Before the ODBC driver can be used, it needs to be installed. To do this, double click on h2odbcSetup.exe. If you do this the first time, it will ask you to locate the driver dll (h2odbc.dll). If you already installed it, the ODBC administration dialog will open where you can create new or modify existing data sources. When you create a new H2 ODBC data source, a dialog window will appear and ask for the database settings:

Log Option

The driver is able to log operations to a file. To enable logging, the log file name must be set in the registry under the key CURRENT_USER/Software/H2/ODBC/LogFile. This key will only be read when the driver starts, so you need to make sure all applications that may use the driver are closed before changing this setting. If this registry entry is not found when the driver starts, logging is disabled. A sample registry key file may look like this:

Windows Registry Editor Version 5.00

[HKEY_CURRENT_USER\Software\H2\ODBC]
"LogFile"="C:\\temp\\h2odbc.txt"

Security Considerations

Currently, the ODBC does not encrypt the password before sending it over TCP/IP to the server. This may be a problem if an attacker can listen to the data transferred between the ODBC client and the server, because the password is readable to the attacker. Also, it is currently not possible to use encrypted SSL connections. The password for a data source is stored unencrypted in the registry. Therefore the ODBC driver should not be used where security is important.

Uninstalling

To uninstall the ODBC driver, double click on h2odbcUninstall.exe. This will uninstall the driver.

ACID

In the DBMS world, ACID stands for Atomicity, Consistency, Isolation, and Durability.

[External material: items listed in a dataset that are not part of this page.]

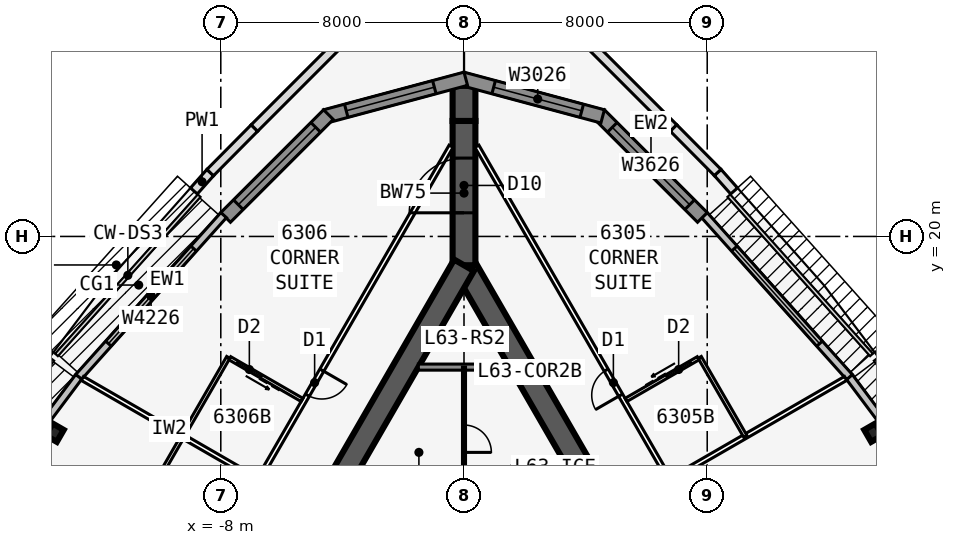
"""IFC4 building model, lengths in metres.
Left out: names, types, materials, properties, quantities, classifications, styles, units other than length and angle.
Written with IfcOpenShell. Run it as: python <this file> out.ifc"""

import sys

from ifc_helpers import new_model, si_unit, direction, frame, frame_2d, origin, origin_2d, place, context, subcontext, project, spatial, polyline, rectangle, i_section, outline, extrude, element, fill, save


model = new_model("IFC4")
c1 = context("Model", 3, precision=1e-05, world=origin(), true_north=direction((0.0, 1.0)))
c2 = subcontext(c1, "Body", "Model", "MODEL_VIEW")
j1 = project(units=[si_unit("LENGTHUNIT", "METRE"), si_unit("PLANEANGLEUNIT", "RADIAN")], contexts=[c1])
p1 = place(None, origin())
s1 = spatial("IfcSite", under=j1, at=p1, CompositionType="ELEMENT")
p2 = place(p1, origin())
s2 = spatial("IfcBuilding", under=s1, at=p2, CompositionType="ELEMENT")
p3 = place(p2, frame((0.0, 0.0, 239.3)))
s3 = spatial("IfcBuildingStorey", under=s2, at=p3, CompositionType="ELEMENT", Elevation=239.3)
p4 = place(p3, frame((16.5, -9.526, 0.0), z_axis=(0.0, 0.0, 1.0), x_axis=(-0.499999749417, 0.866025548458, 0.0)))
e1 = element("IfcWall", 1, at=p4, inside=s3, PredefinedType="SHEAR", context=c2, shape_type="SweptSolid", body=[
    extrude(rectangle(XDim=33.0, YDim=0.75, at=frame_2d((16.5, 0.0))), origin(), (0.0, 0.0, 1.0), 3.6),
])
p5 = place(p4, frame((14.15, 0.0, 0.0)))
e2 = element("IfcOpeningElement", 2, at=p5, cuts=e1, PredefinedType="OPENING", context=c2, shape_type="SweptSolid", body=[
    extrude(rectangle(XDim=1.8, YDim=2.13, at=frame_2d((0.9, 1.065))), frame((0.0, 0.385, 0.0), z_axis=(0.0, -1.0, 0.0), x_axis=(1.0, 0.0, 0.0)), (0.0, 0.0, 1.0), 0.77),
])
p6 = place(p4, frame((12.6, 0.0, 0.0)))
e3 = element("IfcOpeningElement", 3, at=p6, cuts=e1, PredefinedType="OPENING", context=c2, shape_type="SweptSolid", body=[
    extrude(rectangle(XDim=1.0, YDim=2.13, at=frame_2d((0.5, 1.065))), frame((0.0, 0.385, 0.0), z_axis=(0.0, -1.0, 0.0), x_axis=(1.0, 0.0, 0.0)), (0.0, 0.0, 1.0), 0.77),
])
p7 = place(p3, frame((0.0, 19.052, 0.0), z_axis=(0.0, 0.0, 1.0), x_axis=(-0.499999749417, -0.866025548458, 0.0)))
e4 = element("IfcWall", 4, at=p7, inside=s3, PredefinedType="SHEAR", context=c2, shape_type="SweptSolid", body=[
    extrude(rectangle(XDim=33.0, YDim=0.75, at=frame_2d((16.5, 0.0))), origin(), (0.0, 0.0, 1.0), 3.6),
])
p8 = place(p7, frame((14.15, 0.0, 0.0)))
e5 = element("IfcOpeningElement", 5, at=p8, cuts=e4, PredefinedType="OPENING", context=c2, shape_type="SweptSolid", body=[
    extrude(rectangle(XDim=1.8, YDim=2.13, at=frame_2d((0.9, 1.065))), frame((0.0, 0.385, 0.0), z_axis=(0.0, -1.0, 0.0), x_axis=(1.0, 0.0, 0.0)), (0.0, 0.0, 1.0), 0.77),
])
p9 = place(p7, frame((12.6, 0.0, 0.0)))
e6 = element("IfcOpeningElement", 6, at=p9, cuts=e4, PredefinedType="OPENING", context=c2, shape_type="SweptSolid", body=[
    extrude(rectangle(XDim=1.0, YDim=2.13, at=frame_2d((0.5, 1.065))), frame((0.0, 0.385, 0.0), z_axis=(0.0, -1.0, 0.0), x_axis=(1.0, 0.0, 0.0)), (0.0, 0.0, 1.0), 0.77),
])
p10 = place(p3, frame((0.0, 19.052, 0.0), z_axis=(0.0, 0.0, 1.0), x_axis=(0.0, 1.0, 0.0)))
e7 = element("IfcWall", 7, at=p10, inside=s3, PredefinedType="SHEAR", context=c2, shape_type="SweptSolid", body=[
    extrude(rectangle(XDim=4.746, YDim=0.75, at=frame_2d((2.373, 0.0))), origin(), (0.0, 0.0, 1.0), 3.6),
])
p11 = place(p10, frame((1.725, 0.0, 0.0)))
e8 = element("IfcOpeningElement", 8, at=p11, cuts=e7, PredefinedType="OPENING", context=c2, shape_type="SweptSolid", body=[
    extrude(rectangle(XDim=1.8, YDim=2.13, at=frame_2d((0.9, 1.065))), frame((0.0, 0.385, 0.0), z_axis=(0.0, -1.0, 0.0), x_axis=(1.0, 0.0, 0.0)), (0.0, 0.0, 1.0), 0.77),
])
p12 = place(p3, frame((0.0, 23.799, 0.0), z_axis=(0.0, 0.0, 1.0), x_axis=(0.0, 1.0, 0.0)))
e9 = element("IfcWall", 9, at=p12, inside=s3, PredefinedType="SHEAR", context=c2, shape_type="SweptSolid", body=[
    extrude(rectangle(XDim=1.155, YDim=0.75, at=frame_2d((0.577, 0.0))), origin(), (0.0, 0.0, 1.0), 3.6),
])
for number, where, z_axis, x_axis in (
    (10, (13.461, 13.545, 0.0), (0.0, 0.0, 1.0), (0.866, 0.5, 0.0)),
    (11, (-13.461, 13.545, 0.0), (0.0, 0.0, 1.0), (-0.866, 0.5, 0.0)),
):
    element("IfcColumn", number, at=place(p3, frame(where, z_axis=z_axis, x_axis=x_axis)), inside=s3, PredefinedType="COLUMN", context=c2, shape_type="SweptSolid", body=[
        extrude(i_section(OverallWidth=0.419, OverallDepth=0.455, WebThickness=0.042, FlangeThickness=0.068, at=origin_2d()), origin(), (0.0, 0.0, 1.0), 3.6),
    ])
p13 = place(p3, frame((13.881, 13.771, 0.0), z_axis=(0.0, 0.0, 1.0), x_axis=(-0.599650843534, 0.800261748335, 0.0)))
e12 = element("IfcWall", 12, at=p13, inside=s3, PredefinedType="STANDARD", context=c2, shape_type="SweptSolid", body=[
    extrude(rectangle(XDim=2.014, YDim=0.25, at=frame_2d((1.007, 0.0))), origin(), (0.0, 0.0, 1.0), 3.435),
])
p14 = place(p3, frame((12.68, 15.374, 0.0), z_axis=(0.0, 0.0, 1.0), x_axis=(-0.667303550892, 0.744785855778, 0.0)))
e13 = element("IfcWall", 13, at=p14, inside=s3, PredefinedType="STANDARD", context=c2, shape_type="SweptSolid", body=[
    extrude(rectangle(XDim=7.153, YDim=0.25, at=frame_2d((3.576, 0.0))), origin(), (0.0, 0.0, 1.0), 3.435),
])
p15 = place(p14, frame((1.476, 0.0, 0.45)))
e14 = element("IfcOpeningElement", 14, at=p15, cuts=e13, PredefinedType="OPENING", context=c2, shape_type="SweptSolid", body=[
    extrude(rectangle(XDim=4.2, YDim=2.6, at=frame_2d((2.1, 1.3))), frame((0.0, 0.135, 0.0), z_axis=(0.0, -1.0, 0.0), x_axis=(1.0, 0.0, 0.0)), (0.0, 0.0, 1.0), 0.27),
])
p16 = place(p3, frame((7.841, 20.625, 0.0), z_axis=(0.0, 0.0, 1.0), x_axis=(-0.707106781187, 0.707106781187, 0.0)))
e15 = element("IfcWall", 15, at=p16, inside=s3, PredefinedType="SOLIDWALL", context=c2, shape_type="SweptSolid", body=[
    extrude(rectangle(XDim=4.781, YDim=0.45, at=frame_2d((2.391, 0.0))), origin(), (0.0, 0.0, 1.0), 3.435),
])
p17 = place(p16, frame((0.591, 0.0, 0.45)))
e16 = element("IfcOpeningElement", 16, at=p17, cuts=e15, PredefinedType="OPENING", context=c2, shape_type="SweptSolid", body=[
    extrude(rectangle(XDim=3.6, YDim=2.6, at=frame_2d((1.8, 1.3))), frame((0.0, 0.235, 0.0), z_axis=(0.0, -1.0, 0.0), x_axis=(1.0, 0.0, 0.0)), (0.0, 0.0, 1.0), 0.47),
])
p18 = place(p3, frame((4.561, 23.948, 0.0), z_axis=(0.0, 0.0, 1.0), x_axis=(-0.965926628191, 0.258816052347, 0.0)))
e17 = element("IfcWall", 17, at=p18, inside=s3, PredefinedType="SOLIDWALL", context=c2, shape_type="SweptSolid", body=[
    extrude(outline(polyline([(4.781, 0.225), (4.722, 0.225), (4.303, 0.113), (4.273, 0.225), (0.0, 0.225), (0.0, -0.225), (4.781, -0.225), (4.781, 0.225)])), origin(), (0.0, 0.0, 1.0), 3.435),
])
p19 = place(p18, frame((0.711, 0.0, 0.45)))
e18 = element("IfcOpeningElement", 18, at=p19, cuts=e17, PredefinedType="OPENING", context=c2, shape_type="SweptSolid", body=[
    extrude(rectangle(XDim=3.0, YDim=2.6, at=frame_2d((1.5, 1.3))), frame((0.0, 0.235, 0.0), z_axis=(0.0, -1.0, 0.0), x_axis=(1.0, 0.0, 0.0)), (0.0, 0.0, 1.0), 0.47),
])
p20 = place(p3, frame((0.058, 25.186, 0.0), z_axis=(0.0, 0.0, 1.0), x_axis=(-0.965926628191, -0.258816052347, 0.0)))
e19 = element("IfcWall", 19, at=p20, inside=s3, PredefinedType="SOLIDWALL", context=c2, shape_type="SweptSolid", body=[
    extrude(outline(polyline([(4.781, 0.225), (0.509, 0.225), (0.479, 0.113), (0.059, 0.225), (0.0, 0.225), (0.0, -0.225), (4.781, -0.225), (4.781, 0.225)])), origin(), (0.0, 0.0, 1.0), 3.435),
])
p21 = place(p20, frame((1.07, 0.0, 0.45)))
e20 = element("IfcOpeningElement", 20, at=p21, cuts=e19, PredefinedType="OPENING", context=c2, shape_type="SweptSolid", body=[
    extrude(rectangle(XDim=3.0, YDim=2.6, at=frame_2d((1.5, 1.3))), frame((0.0, 0.235, 0.0), z_axis=(0.0, -1.0, 0.0), x_axis=(1.0, 0.0, 0.0)), (0.0, 0.0, 1.0), 0.47),
])
p22 = place(p3, frame((-4.46, 24.007, 0.0), z_axis=(0.0, 0.0, 1.0), x_axis=(-0.707106781187, -0.707106781187, 0.0)))
e21 = element("IfcWall", 21, at=p22, inside=s3, PredefinedType="SOLIDWALL", context=c2, shape_type="SweptSolid", body=[
    extrude(rectangle(XDim=4.781, YDim=0.45, at=frame_2d((2.391, 0.0))), origin(), (0.0, 0.0, 1.0), 3.435),
])
p23 = place(p22, frame((0.591, 0.0, 0.45)))
e22 = element("IfcOpeningElement", 22, at=p23, cuts=e21, PredefinedType="OPENING", context=c2, shape_type="SweptSolid", body=[
    extrude(rectangle(XDim=3.6, YDim=2.6, at=frame_2d((1.8, 1.3))), frame((0.0, 0.235, 0.0), z_axis=(0.0, -1.0, 0.0), x_axis=(1.0, 0.0, 0.0)), (0.0, 0.0, 1.0), 0.47),
])
p24 = place(p3, frame((-7.907, 20.701, 0.0), z_axis=(0.0, 0.0, 1.0), x_axis=(-0.667303550892, -0.744785855778, 0.0)))
e23 = element("IfcWall", 23, at=p24, inside=s3, PredefinedType="STANDARD", context=c2, shape_type="SweptSolid", body=[
    extrude(rectangle(XDim=7.153, YDim=0.25, at=frame_2d((3.576, 0.0))), origin(), (0.0, 0.0, 1.0), 3.435),
])
p25 = place(p24, frame((1.476, 0.0, 0.45)))
e24 = element("IfcOpeningElement", 24, at=p25, cuts=e23, PredefinedType="OPENING", context=c2, shape_type="SweptSolid", body=[
    extrude(rectangle(XDim=4.2, YDim=2.6, at=frame_2d((2.1, 1.3))), frame((0.0, 0.135, 0.0), z_axis=(0.0, -1.0, 0.0), x_axis=(1.0, 0.0, 0.0)), (0.0, 0.0, 1.0), 0.27),
])
p26 = place(p3, frame((-12.673, 15.382, 0.0), z_axis=(0.0, 0.0, 1.0), x_axis=(-0.599650843534, -0.800261748335, 0.0)))
e25 = element("IfcWall", 25, at=p26, inside=s3, PredefinedType="STANDARD", context=c2, shape_type="SweptSolid", body=[
    extrude(rectangle(XDim=2.014, YDim=0.25, at=frame_2d((1.007, 0.0))), origin(), (0.0, 0.0, 1.0), 3.435),
])
p27 = place(p3, frame((-8.884, 21.496, 0.0), z_axis=(0.0, 0.0, 1.0), x_axis=(0.664345086819, 0.747425986717, 0.0)))
e26 = element("IfcWall", 26, at=p27, inside=s3, PredefinedType="PARAPET", context=c2, shape_type="SweptSolid", body=[
    extrude(rectangle(XDim=0.808, YDim=0.3, at=frame_2d((0.404, 0.0))), origin(), (0.0, 0.0, 1.0), 1.1),
])
p28 = place(p3, frame((-8.347, 22.1, 0.0), z_axis=(0.0, 0.0, 1.0), x_axis=(0.704083858744, 0.710116835356, 0.0)))
e27 = element("IfcWall", 27, at=p28, inside=s3, PredefinedType="PARAPET", context=c2, shape_type="SweptSolid", body=[
    extrude(rectangle(XDim=2.064, YDim=0.3, at=frame_2d((1.032, 0.0))), origin(), (0.0, 0.0, 1.0), 1.1),
])
for number, where, z_axis, x_axis in (
    (28, (-6.894, 23.566, 0.0), (0.0, 0.0, 1.0), (0.707, 0.707, 0.0)),
    (29, (3.964, 26.495, 0.0), (0.0, 0.0, 1.0), (0.707, -0.707, 0.0)),
):
    element("IfcWall", number, at=place(p3, frame(where, z_axis=z_axis, x_axis=x_axis)), inside=s3, PredefinedType="PARAPET", context=c2, shape_type="SweptSolid", body=[
        extrude(rectangle(XDim=4.143, YDim=0.3, at=frame_2d((2.072, 0.0))), origin(), (0.0, 0.0, 1.0), 1.1),
    ])
p29 = place(p3, frame((6.894, 23.566, 0.0), z_axis=(0.0, 0.0, 1.0), x_axis=(0.704083858744, -0.710116835356, 0.0)))
e30 = element("IfcWall", 30, at=p29, inside=s3, PredefinedType="PARAPET", context=c2, shape_type="SweptSolid", body=[
    extrude(rectangle(XDim=2.064, YDim=0.3, at=frame_2d((1.032, 0.0))), origin(), (0.0, 0.0, 1.0), 1.1),
])
p30 = place(p3, frame((8.347, 22.1, 0.0), z_axis=(0.0, 0.0, 1.0), x_axis=(0.664345086819, -0.747425986717, 0.0)))
e31 = element("IfcWall", 31, at=p30, inside=s3, PredefinedType="PARAPET", context=c2, shape_type="SweptSolid", body=[
    extrude(rectangle(XDim=0.808, YDim=0.3, at=frame_2d((0.404, 0.0))), origin(), (0.0, 0.0, 1.0), 1.1),
])
p31 = place(p3, frame((6.763, 11.988, 0.0), z_axis=(0.0, 0.0, 1.0), x_axis=(-0.49999585592, 0.866027796357, 0.0)))
e32 = element("IfcWall", 32, at=p31, inside=s3, PredefinedType="PARTITIONING", context=c2, shape_type="SweptSolid", body=[
    extrude(rectangle(XDim=12.677, YDim=0.15, at=frame_2d((6.338, 0.0))), origin(), (0.0, 0.0, 1.0), 3.435),
])
p32 = place(p31, frame((3.225, 0.0, 0.0)))
e33 = element("IfcOpeningElement", 33, at=p32, cuts=e32, PredefinedType="OPENING", context=c2, shape_type="SweptSolid", body=[
    extrude(rectangle(XDim=0.95, YDim=2.13, at=frame_2d((0.475, 1.065))), frame((0.0, 0.085, 0.0), z_axis=(0.0, -1.0, 0.0), x_axis=(1.0, 0.0, 0.0)), (0.0, 0.0, 1.0), 0.17),
])
p33 = place(p3, frame((6.829, 12.025, 0.0), z_axis=(0.0, 0.0, 1.0), x_axis=(0.866029323189, 0.499993211332, 0.0)))
e34 = element("IfcWall", 34, at=p33, inside=s3, PredefinedType="PARTITIONING", context=c2, shape_type="SweptSolid", body=[
    extrude(rectangle(XDim=6.608, YDim=0.15, at=frame_2d((3.304, 0.0))), origin(), (0.0, 0.0, 1.0), 2.678),
])
p34 = place(p3, frame((9.253, 13.425, 0.0), z_axis=(0.0, 0.0, 1.0), x_axis=(-0.499990139034, 0.866031096941, 0.0)))
e35 = element("IfcWall", 35, at=p34, inside=s3, PredefinedType="PLUMBINGWALL", context=c2, shape_type="SweptSolid", body=[
    extrude(rectangle(XDim=3.0, YDim=0.12, at=frame_2d((1.5, 0.0))), origin(), (0.0, 0.0, 1.0), 3.435),
])
p35 = place(p3, frame((5.329, 14.623, 0.0), z_axis=(0.0, 0.0, 1.0), x_axis=(0.865997131366, 0.500048966069, 0.0)))
e36 = element("IfcWall", 36, at=p35, inside=s3, PredefinedType="PLUMBINGWALL", context=c2, shape_type="SweptSolid", body=[
    extrude(rectangle(XDim=2.74, YDim=0.12, at=frame_2d((1.37, 0.0))), origin(), (0.0, 0.0, 1.0), 3.435),
])
p36 = place(p35, frame((1.55, 0.0, 0.0)))
e37 = element("IfcOpeningElement", 37, at=p36, cuts=e36, PredefinedType="OPENING", context=c2, shape_type="SweptSolid", body=[
    extrude(rectangle(XDim=0.9, YDim=2.13, at=frame_2d((0.45, 1.065))), frame((0.0, 0.07, 0.0), z_axis=(0.0, -1.0, 0.0), x_axis=(1.0, 0.0, 0.0)), (0.0, 0.0, 1.0), 0.14),
])
p37 = place(p3, frame((-0.425, 22.966, 0.0), z_axis=(0.0, 0.0, 1.0), x_axis=(-0.500000265775, -0.866025250339, 0.0)))
e38 = element("IfcWall", 38, at=p37, inside=s3, PredefinedType="PARTITIONING", context=c2, shape_type="SweptSolid", body=[
    extrude(rectangle(XDim=39.354, YDim=0.15, at=frame_2d((19.677, 0.0))), origin(), (0.0, 0.0, 1.0), 3.435),
])
p38 = place(p37, frame((8.502, 0.0, 0.0)))
e39 = element("IfcOpeningElement", 39, at=p38, cuts=e38, PredefinedType="OPENING", context=c2, shape_type="SweptSolid", body=[
    extrude(rectangle(XDim=0.95, YDim=2.13, at=frame_2d((0.475, 1.065))), frame((0.0, 0.085, 0.0), z_axis=(0.0, -1.0, 0.0), x_axis=(1.0, 0.0, 0.0)), (0.0, 0.0, 1.0), 0.17),
])
p39 = place(p37, frame((15.902, 0.0, 0.0)))
e40 = element("IfcOpeningElement", 40, at=p39, cuts=e38, PredefinedType="OPENING", context=c2, shape_type="SweptSolid", body=[
    extrude(rectangle(XDim=0.95, YDim=2.13, at=frame_2d((0.475, 1.065))), frame((0.0, 0.085, 0.0), z_axis=(0.0, -1.0, 0.0), x_axis=(1.0, 0.0, 0.0)), (0.0, 0.0, 1.0), 0.17),
])
p40 = place(p37, frame((22.902, 0.0, 0.0)))
e41 = element("IfcOpeningElement", 41, at=p40, cuts=e38, PredefinedType="OPENING", context=c2, shape_type="SweptSolid", body=[
    extrude(rectangle(XDim=0.95, YDim=2.13, at=frame_2d((0.475, 1.065))), frame((0.0, 0.085, 0.0), z_axis=(0.0, -1.0, 0.0), x_axis=(1.0, 0.0, 0.0)), (0.0, 0.0, 1.0), 0.17),
])
p41 = place(p37, frame((29.902, 0.0, 0.0)))
e42 = element("IfcOpeningElement", 42, at=p41, cuts=e38, PredefinedType="OPENING", context=c2, shape_type="SweptSolid", body=[
    extrude(rectangle(XDim=0.95, YDim=2.13, at=frame_2d((0.475, 1.065))), frame((0.0, 0.085, 0.0), z_axis=(0.0, -1.0, 0.0), x_axis=(1.0, 0.0, 0.0)), (0.0, 0.0, 1.0), 0.17),
])
p42 = place(p3, frame((-6.829, 12.025, 0.0), z_axis=(0.0, 0.0, 1.0), x_axis=(-0.866029323189, 0.499993211332, 0.0)))
e43 = element("IfcWall", 43, at=p42, inside=s3, PredefinedType="PARTITIONING", context=c2, shape_type="SweptSolid", body=[
    extrude(rectangle(XDim=6.608, YDim=0.15, at=frame_2d((3.304, 0.0))), origin(), (0.0, 0.0, 1.0), 2.678),
])
p43 = place(p3, frame((-7.753, 16.023, 0.0), z_axis=(0.0, 0.0, 1.0), x_axis=(-0.499990139034, -0.866031096941, 0.0)))
e44 = element("IfcWall", 44, at=p43, inside=s3, PredefinedType="PLUMBINGWALL", context=c2, shape_type="SweptSolid", body=[
    extrude(rectangle(XDim=3.0, YDim=0.12, at=frame_2d((1.5, 0.0))), origin(), (0.0, 0.0, 1.0), 3.435),
])
p44 = place(p3, frame((-5.329, 14.623, 0.0), z_axis=(0.0, 0.0, 1.0), x_axis=(-0.865997131366, 0.500048966069, 0.0)))
e45 = element("IfcWall", 45, at=p44, inside=s3, PredefinedType="PLUMBINGWALL", context=c2, shape_type="SweptSolid", body=[
    extrude(rectangle(XDim=2.74, YDim=0.12, at=frame_2d((1.37, 0.0))), origin(), (0.0, 0.0, 1.0), 3.435),
])
p45 = place(p44, frame((1.55, 0.0, 0.0)))
e46 = element("IfcOpeningElement", 46, at=p45, cuts=e45, PredefinedType="OPENING", context=c2, shape_type="SweptSolid", body=[
    extrude(rectangle(XDim=0.9, YDim=2.13, at=frame_2d((0.45, 1.065))), frame((0.0, 0.07, 0.0), z_axis=(0.0, -1.0, 0.0), x_axis=(1.0, 0.0, 0.0)), (0.0, 0.0, 1.0), 0.14),
])
p46 = place(p3, frame((-9.253, 13.425, 0.0), z_axis=(0.0, 0.0, 1.0), x_axis=(-0.499990139034, -0.866031096941, 0.0)))
e47 = element("IfcWall", 47, at=p46, inside=s3, PredefinedType="PLUMBINGWALL", context=c2, shape_type="SweptSolid", body=[
    extrude(rectangle(XDim=3.0, YDim=0.12, at=frame_2d((1.5, 0.0))), origin(), (0.0, 0.0, 1.0), 3.435),
])
p47 = place(p3, frame((-1.501, 15.703, 0.0), z_axis=(0.0, 0.0, 1.0), x_axis=(1.0, 0.0, 0.0)))
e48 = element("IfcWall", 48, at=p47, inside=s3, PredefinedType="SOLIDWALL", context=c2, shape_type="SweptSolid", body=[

Atomicity: Transactions must be atomic, that means either all tasks of a transaction are performed, or none.
Consistency: Only operations that comply with the defined constraints are allowed.
Isolation: Transactions must be completely isolated from each other.
Durability: Transaction committed to the database will not be lost.

This database also supports these properties by default, except durability, which can only be guaranteed by other means (battery, clustering).

Atomicity

Transactions in this database are always atomic.

Consistency

This database is always in a consistent state. Referential integrity rules are always enforced.

Isolation

Currently, only the transaction isolation level 'serializable' is supported. In many database, this rule is often relaxed to provide better performance, by supporting other transaction isolation levels.

Durability

This database does not guarantee that all committed transactions survive a power failure. If durability is required even in case of power failure, some sort of uninterruptible power supply (UPS) is required (like using a laptop, or a battery pack). If durability is required even in case of hardware failure, the clustering mode of this database should be used.

To achieve durability, it would be required to flush all file buffers (including system buffers) to hard disk for each commit. In Java, there are two ways how this can be achieved:

FileDescriptor.sync(). The documentation says that this will force all system buffers to synchronize with the underlying device. Sync is supposed to return after all in-memory modified copies of buffers associated with this FileDesecriptor have been written to the physical medium.
FileChannel.force() (since JDK 1.4). This method is supposed to force any updates to this channel's file to be written to the storage device that contains it.

There is one related option, but it does not force changes to disk: RandomAccessFile(.., "rws" / "rwd"):

rws: Every update to the file's content or metadata is written synchronously to the underlying storage device.
rwd: Every update to the file's content is written synchronously to the underlying storage device.

A simple power-off test using two computers (they communicate over the network, and one the power is switched off on one computer) shows that the data is not always persisted to the hard drive, even when calling FileDescriptor.sync() or FileChannel.force(). The reason for this is that most hard drives do not obey the fsync() function. For more information, see 'Your Hard Drive Lies to You' http://hardware.slashdot.org/article.pl?sid=05/05/13/0529252&tid=198&tid=128). The test was made with this database, as well as with PostgreSQL, Derby, and HSQLDB. None of those databases was able to guarantee complete transaction durability.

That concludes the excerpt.